Vingt ans déjà ! Vingt ans qu’à Pesaro un jeune ténor péruvien a été appelé au dernier moment pour remplacer un collègue défaillant dans le rôle masculin principal de Matilde di Shabran. Confier ce rôle écrasant à un jeune chanteur inconnu était un pari risqué qui se révéla être un coup d’éclat, lançant la carrière internationale de Juan Diego Flórez, devenu depuis un des chanteurs lyriques les plus célèbres et admirés.
C’est ce destin exceptionnel et la fidélité jamais remise en cause du ténor au Rossini Opera Festival (avec la participation à une quinzaine de production depuis 1996), que le festival et la ville de Pesaro – où le chanteur possède une villa et a vu sa fille naître – fêtent ce soir, avec discours officiels et remise du prix de citoyen d’honneur de la ville de Pesaro.
Mais cette soirée est d’abord l’occasion d’une fête musicale retraçant les œuvres interprétées par le héros de la soirée depuis ses débuts au ROF. Si le chanteur participe à chaque morceau, il a choisi pour l’essentiel des ensembles, du duo au sextuor, se réservant pour unique solo, le « Cessa di più resistere » du Barbier de Séville, qu’il reprendra d’ailleurs en bis.
Avant de détailler plus avant le programme, on s’attardera quelques instants sur le « miracle » vocal que constitue Juan Diego Flórez.

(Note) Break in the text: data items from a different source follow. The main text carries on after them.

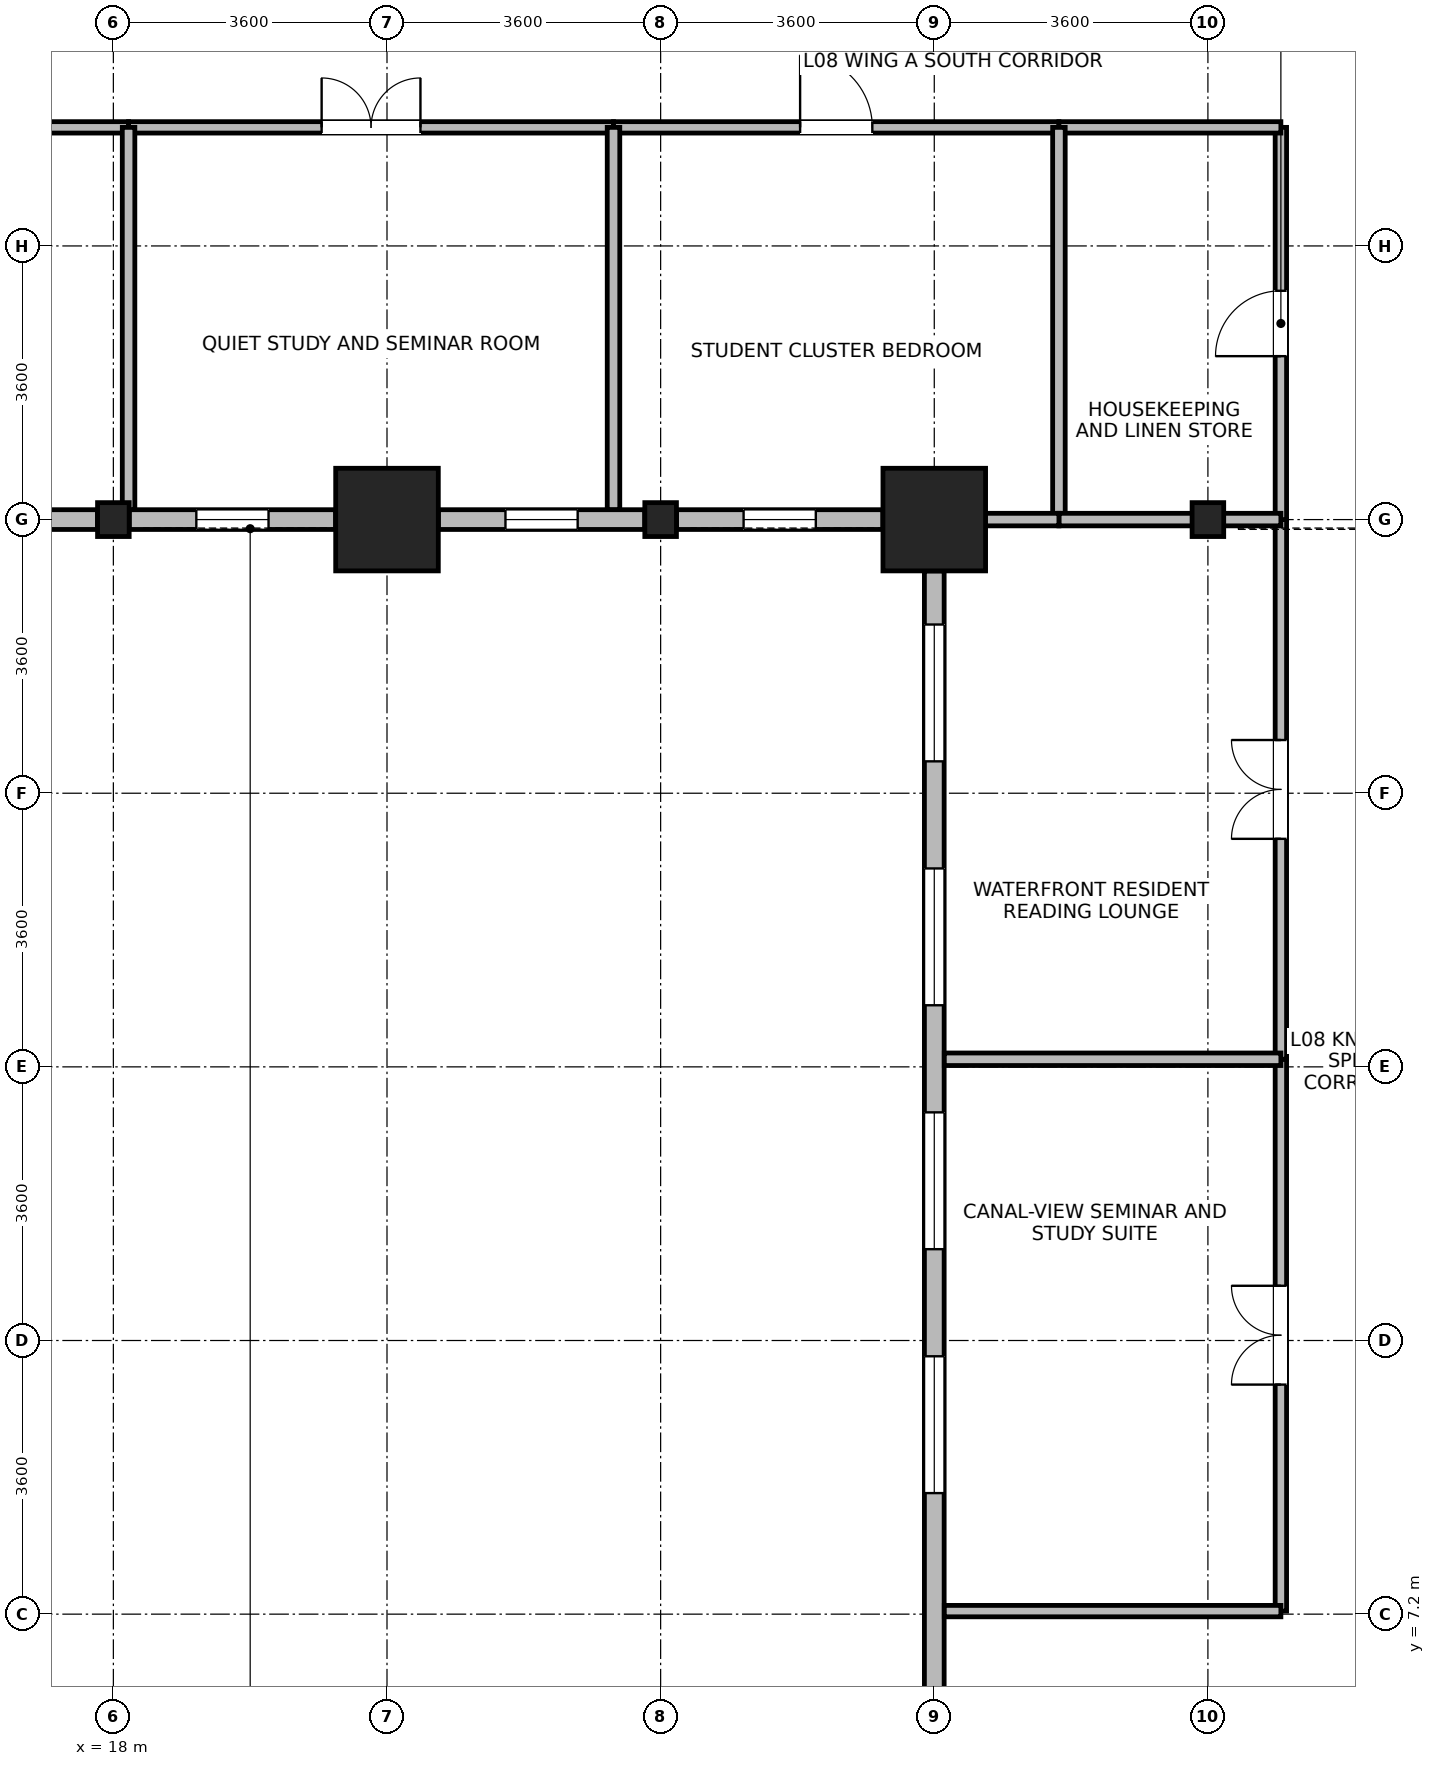
"""IFC4 building model, lengths in metres.
Left out: names, types, materials, properties, quantities, classifications, styles, units other than length and angle.
Written with IfcOpenShell. Run it as: python <this file> out.ifc"""

import sys

from ifc_helpers import new_model, si_unit, direction, frame, frame_2d, origin, origin_2d, place, context, subcontext, project, spatial, rectangle, i_section, extrude, source, transform, mapped, element, fill, save


model = new_model("IFC4")
c1 = context("Model", 3, precision=1e-05, world=origin(), true_north=direction((0.0, 1.0)))
c2 = subcontext(c1, "Body", "Model", "MODEL_VIEW")
j1 = project(units=[si_unit("LENGTHUNIT", "METRE"), si_unit("PLANEANGLEUNIT", "RADIAN")], contexts=[c1])
p1 = place(None, origin())
s1 = spatial("IfcSite", under=j1, at=p1, CompositionType="ELEMENT")
p2 = place(p1, origin())
s2 = spatial("IfcBuilding", under=s1, at=p2, CompositionType="ELEMENT")
p3 = place(p2, frame((0.0, 0.0, 36.4)))
s3 = spatial("IfcBuildingStorey", under=s2, at=p3, CompositionType="ELEMENT", Elevation=36.4)
m1 = source(origin(), c2, "Body", "SweptSolid", [
    extrude(rectangle(XDim=1.35, YDim=1.35, at=origin_2d()), origin(), (0.0, 0.0, 1.0), 3.7),
])
for number, where, z_axis, x_axis in (
    (1, (21.6, 21.6, 0.0), (0.0, 0.0, 1.0), (1.0, 0.0, 0.0)),
    (2, (28.8, 21.6, 0.0), (0.0, 0.0, 1.0), (1.0, 0.0, 0.0)),
):
    element("IfcColumn", number, at=place(p3, frame(where, z_axis=z_axis, x_axis=x_axis)), inside=s3, PredefinedType="COLUMN", context=c2, shape_type="MappedRepresentation", body=[
        mapped(m1, transform((0.0, 0.0, 0.0), x_axis=(1.0, 0.0, 0.0), y_axis=(0.0, 1.0, 0.0), z_axis=(0.0, 0.0, 1.0), scale=1.0)),
    ])
m2 = source(origin(), c2, "Body", "SweptSolid", [
    extrude(i_section(OverallWidth=0.416, OverallDepth=0.446, WebThickness=0.029, FlangeThickness=0.04, FilletRadius=0.015, at=origin_2d()), origin(), (0.0, 0.0, 1.0), 3.7),
])
for number, where, z_axis, x_axis in (
    (3, (18.0, 21.6, 0.0), (0.0, 0.0, 1.0), (1.0, 0.0, 0.0)),
    (4, (25.2, 21.6, 0.0), (0.0, 0.0, 1.0), (1.0, 0.0, 0.0)),
    (5, (32.4, 21.6, 0.0), (0.0, 0.0, 1.0), (1.0, 0.0, 0.0)),
):
    element("IfcColumn", number, at=place(p3, frame(where, z_axis=z_axis, x_axis=x_axis)), inside=s3, PredefinedType="COLUMN", context=c2, shape_type="MappedRepresentation", body=[
        mapped(m2, transform((0.0, 0.0, 0.0), x_axis=(1.0, 0.0, 0.0), y_axis=(0.0, 1.0, 0.0), z_axis=(0.0, 0.0, 1.0), scale=1.0)),
    ])
p4 = place(p3, frame((17.791, 21.6, 0.0), z_axis=(0.0, 0.0, 1.0), x_axis=(-1.0, 0.0, 0.0)))
e6 = element("IfcWall", 6, at=p4, inside=s3, PredefinedType="STANDARD", context=c2, shape_type="SweptSolid", body=[
    extrude(rectangle(XDim=2.715, YDim=0.26, at=frame_2d((1.357, 0.0))), origin(), (0.0, 0.0, 1.0), 2.93),
])
p5 = place(p4, frame((0.883, 0.0, 0.85)))
e7 = element("IfcOpeningElement", 7, at=p5, cuts=e6, PredefinedType="OPENING", context=c2, shape_type="SweptSolid", body=[
    extrude(rectangle(XDim=0.95, YDim=1.75, at=frame_2d((0.475, 0.875))), frame((0.0, 0.14, 0.0), z_axis=(0.0, -1.0, 0.0), x_axis=(1.0, 0.0, 0.0)), (0.0, 0.0, 1.0), 0.28),
])
p6 = place(p3, frame((20.924, 21.6, 0.0), z_axis=(0.0, 0.0, 1.0), x_axis=(-1.0, 0.0, 0.0)))
e8 = element("IfcWall", 8, at=p6, inside=s3, PredefinedType="STANDARD", context=c2, shape_type="SweptSolid", body=[
    extrude(rectangle(XDim=2.715, YDim=0.26, at=frame_2d((1.357, 0.0))), origin(), (0.0, 0.0, 1.0), 2.93),
])
p7 = place(p6, frame((0.883, 0.0, 0.85)))
e9 = element("IfcOpeningElement", 9, at=p7, cuts=e8, PredefinedType="OPENING", context=c2, shape_type="SweptSolid", body=[
    extrude(rectangle(XDim=0.95, YDim=1.75, at=frame_2d((0.475, 0.875))), frame((0.0, 0.14, 0.0), z_axis=(0.0, -1.0, 0.0), x_axis=(1.0, 0.0, 0.0)), (0.0, 0.0, 1.0), 0.28),
])
p8 = place(p3, frame((24.991, 21.6, 0.0), z_axis=(0.0, 0.0, 1.0), x_axis=(-1.0, 0.0, 0.0)))
e10 = element("IfcWall", 10, at=p8, inside=s3, PredefinedType="STANDARD", context=c2, shape_type="SweptSolid", body=[
    extrude(rectangle(XDim=2.715, YDim=0.26, at=frame_2d((1.357, 0.0))), origin(), (0.0, 0.0, 1.0), 2.93),
])
p9 = place(p8, frame((0.883, 0.0, 0.85)))
e11 = element("IfcOpeningElement", 11, at=p9, cuts=e10, PredefinedType="OPENING", context=c2, shape_type="SweptSolid", body=[
    extrude(rectangle(XDim=0.95, YDim=1.75, at=frame_2d((0.475, 0.875))), frame((0.0, 0.14, 0.0), z_axis=(0.0, -1.0, 0.0), x_axis=(1.0, 0.0, 0.0)), (0.0, 0.0, 1.0), 0.28),
])
p10 = place(p3, frame((28.124, 21.6, 0.0), z_axis=(0.0, 0.0, 1.0), x_axis=(-1.0, 0.0, 0.0)))
e12 = element("IfcWall", 12, at=p10, inside=s3, PredefinedType="STANDARD", context=c2, shape_type="SweptSolid", body=[
    extrude(rectangle(XDim=2.715, YDim=0.26, at=frame_2d((1.357, 0.0))), origin(), (0.0, 0.0, 1.0), 2.93),
])
p11 = place(p10, frame((0.883, 0.0, 0.85)))
e13 = element("IfcOpeningElement", 13, at=p11, cuts=e12, PredefinedType="OPENING", context=c2, shape_type="SweptSolid", body=[
    extrude(rectangle(XDim=0.95, YDim=1.75, at=frame_2d((0.475, 0.875))), frame((0.0, 0.14, 0.0), z_axis=(0.0, -1.0, 0.0), x_axis=(1.0, 0.0, 0.0)), (0.0, 0.0, 1.0), 0.28),
])
p12 = place(p3, frame((28.8, 1.67, 0.0), z_axis=(0.0, 0.0, 1.0), x_axis=(0.0, 1.0, 0.0)))
e14 = element("IfcWall", 14, at=p12, inside=s3, PredefinedType="STANDARD", context=c2, shape_type="SweptSolid", body=[
    extrude(rectangle(XDim=19.254, YDim=0.26, at=frame_2d((9.627, 0.0))), origin(), (0.0, 0.0, 1.0), 3.43),
])
p13 = place(p12, frame((0.705, 0.0, 0.85)))
e15 = element("IfcOpeningElement", 15, at=p13, cuts=e14, PredefinedType="OPENING", context=c2, shape_type="SweptSolid", body=[
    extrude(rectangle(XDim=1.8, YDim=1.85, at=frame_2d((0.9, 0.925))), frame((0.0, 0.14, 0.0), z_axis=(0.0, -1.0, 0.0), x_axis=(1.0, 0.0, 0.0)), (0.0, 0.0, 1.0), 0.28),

Peu de chanteurs pourraient en effet se permettre de reprendre avec une telle réussite après vingt ans de carrière le répertoire de leurs débuts. Corradino dans Matilde di Shabran, son rôle fétiche qui l’a révélé en 1996, qu’il a repris en 2004 (avec Annick Massis) puis en 2012 (avec Olga Peretyatko), est de ce point de vue un excellent étalon. La voix ne semble pas avoir subi les outrages du temps. On pourra certes noter que certaines vocalises ont perdu en délié et que les allègements sont plus rares du fait de l’élargissement de la voix, mais le ténor peut toujours en remontrer dans ce répertoire à bien des collègues nettement plus jeunes. La vocalisation est ainsi toujours précise, le registre aigu toujours percutant et le vibrato contenu. La couleur plutôt uniforme et une voix gardant une certaine clarté, qui peuvent passer pour un handicap dans certains répertoires plus lourds que le ténor a explorés récemment, ne sont ici en aucune façon gênants, et on se lasse pas d’admirer l’apparente facilité du ténor dans des airs considérés jusqu’à il n’y a pas si longtemps comme inchantables.
On assiste à cet anniversaire comme on feuilletterait le livre de souvenirs avec une évocation de chacune des dix œuvres que Juan Diego Flórez a chantées dans ces lieux, le tout illustré d’images des différentes productions.
© Amati Bacciardi
Après un début de programme en douceur avec Il signor Bruschino (et sa fameuse ouverture dans laquelle les musiciens tapent leur archet sur le pupitre), on entre dans le vif du sujet avec un duetto d’Otello enflammé (on se souvient encore avec émotion de l’Otello fracassant en 2007 avec Gregory Kunde) avec son compère de La Donna del Lago, Michael Spyres. Le ténor américain est très en voix, les graves toujours aussi sonores et les aigus bien projetés, et le duo Rodrigo-Iago fonctionne à merveille. On retrouve le ténor américain pour un ensemble de Zelmira admirablement réglé puis dans un court extrait du terzetto de La donna del lago « Vincesti… addio ! » où les deux ténors font assaut de puissance et d’ardeur. La coupure opérée dans l’ensemble nous frustre d’autant plus que les protagonistes (y compris la soprano Salome Jicia) nous ont semblé encore plus électrisants que lors de la représentation de l’œuvre le 17 août.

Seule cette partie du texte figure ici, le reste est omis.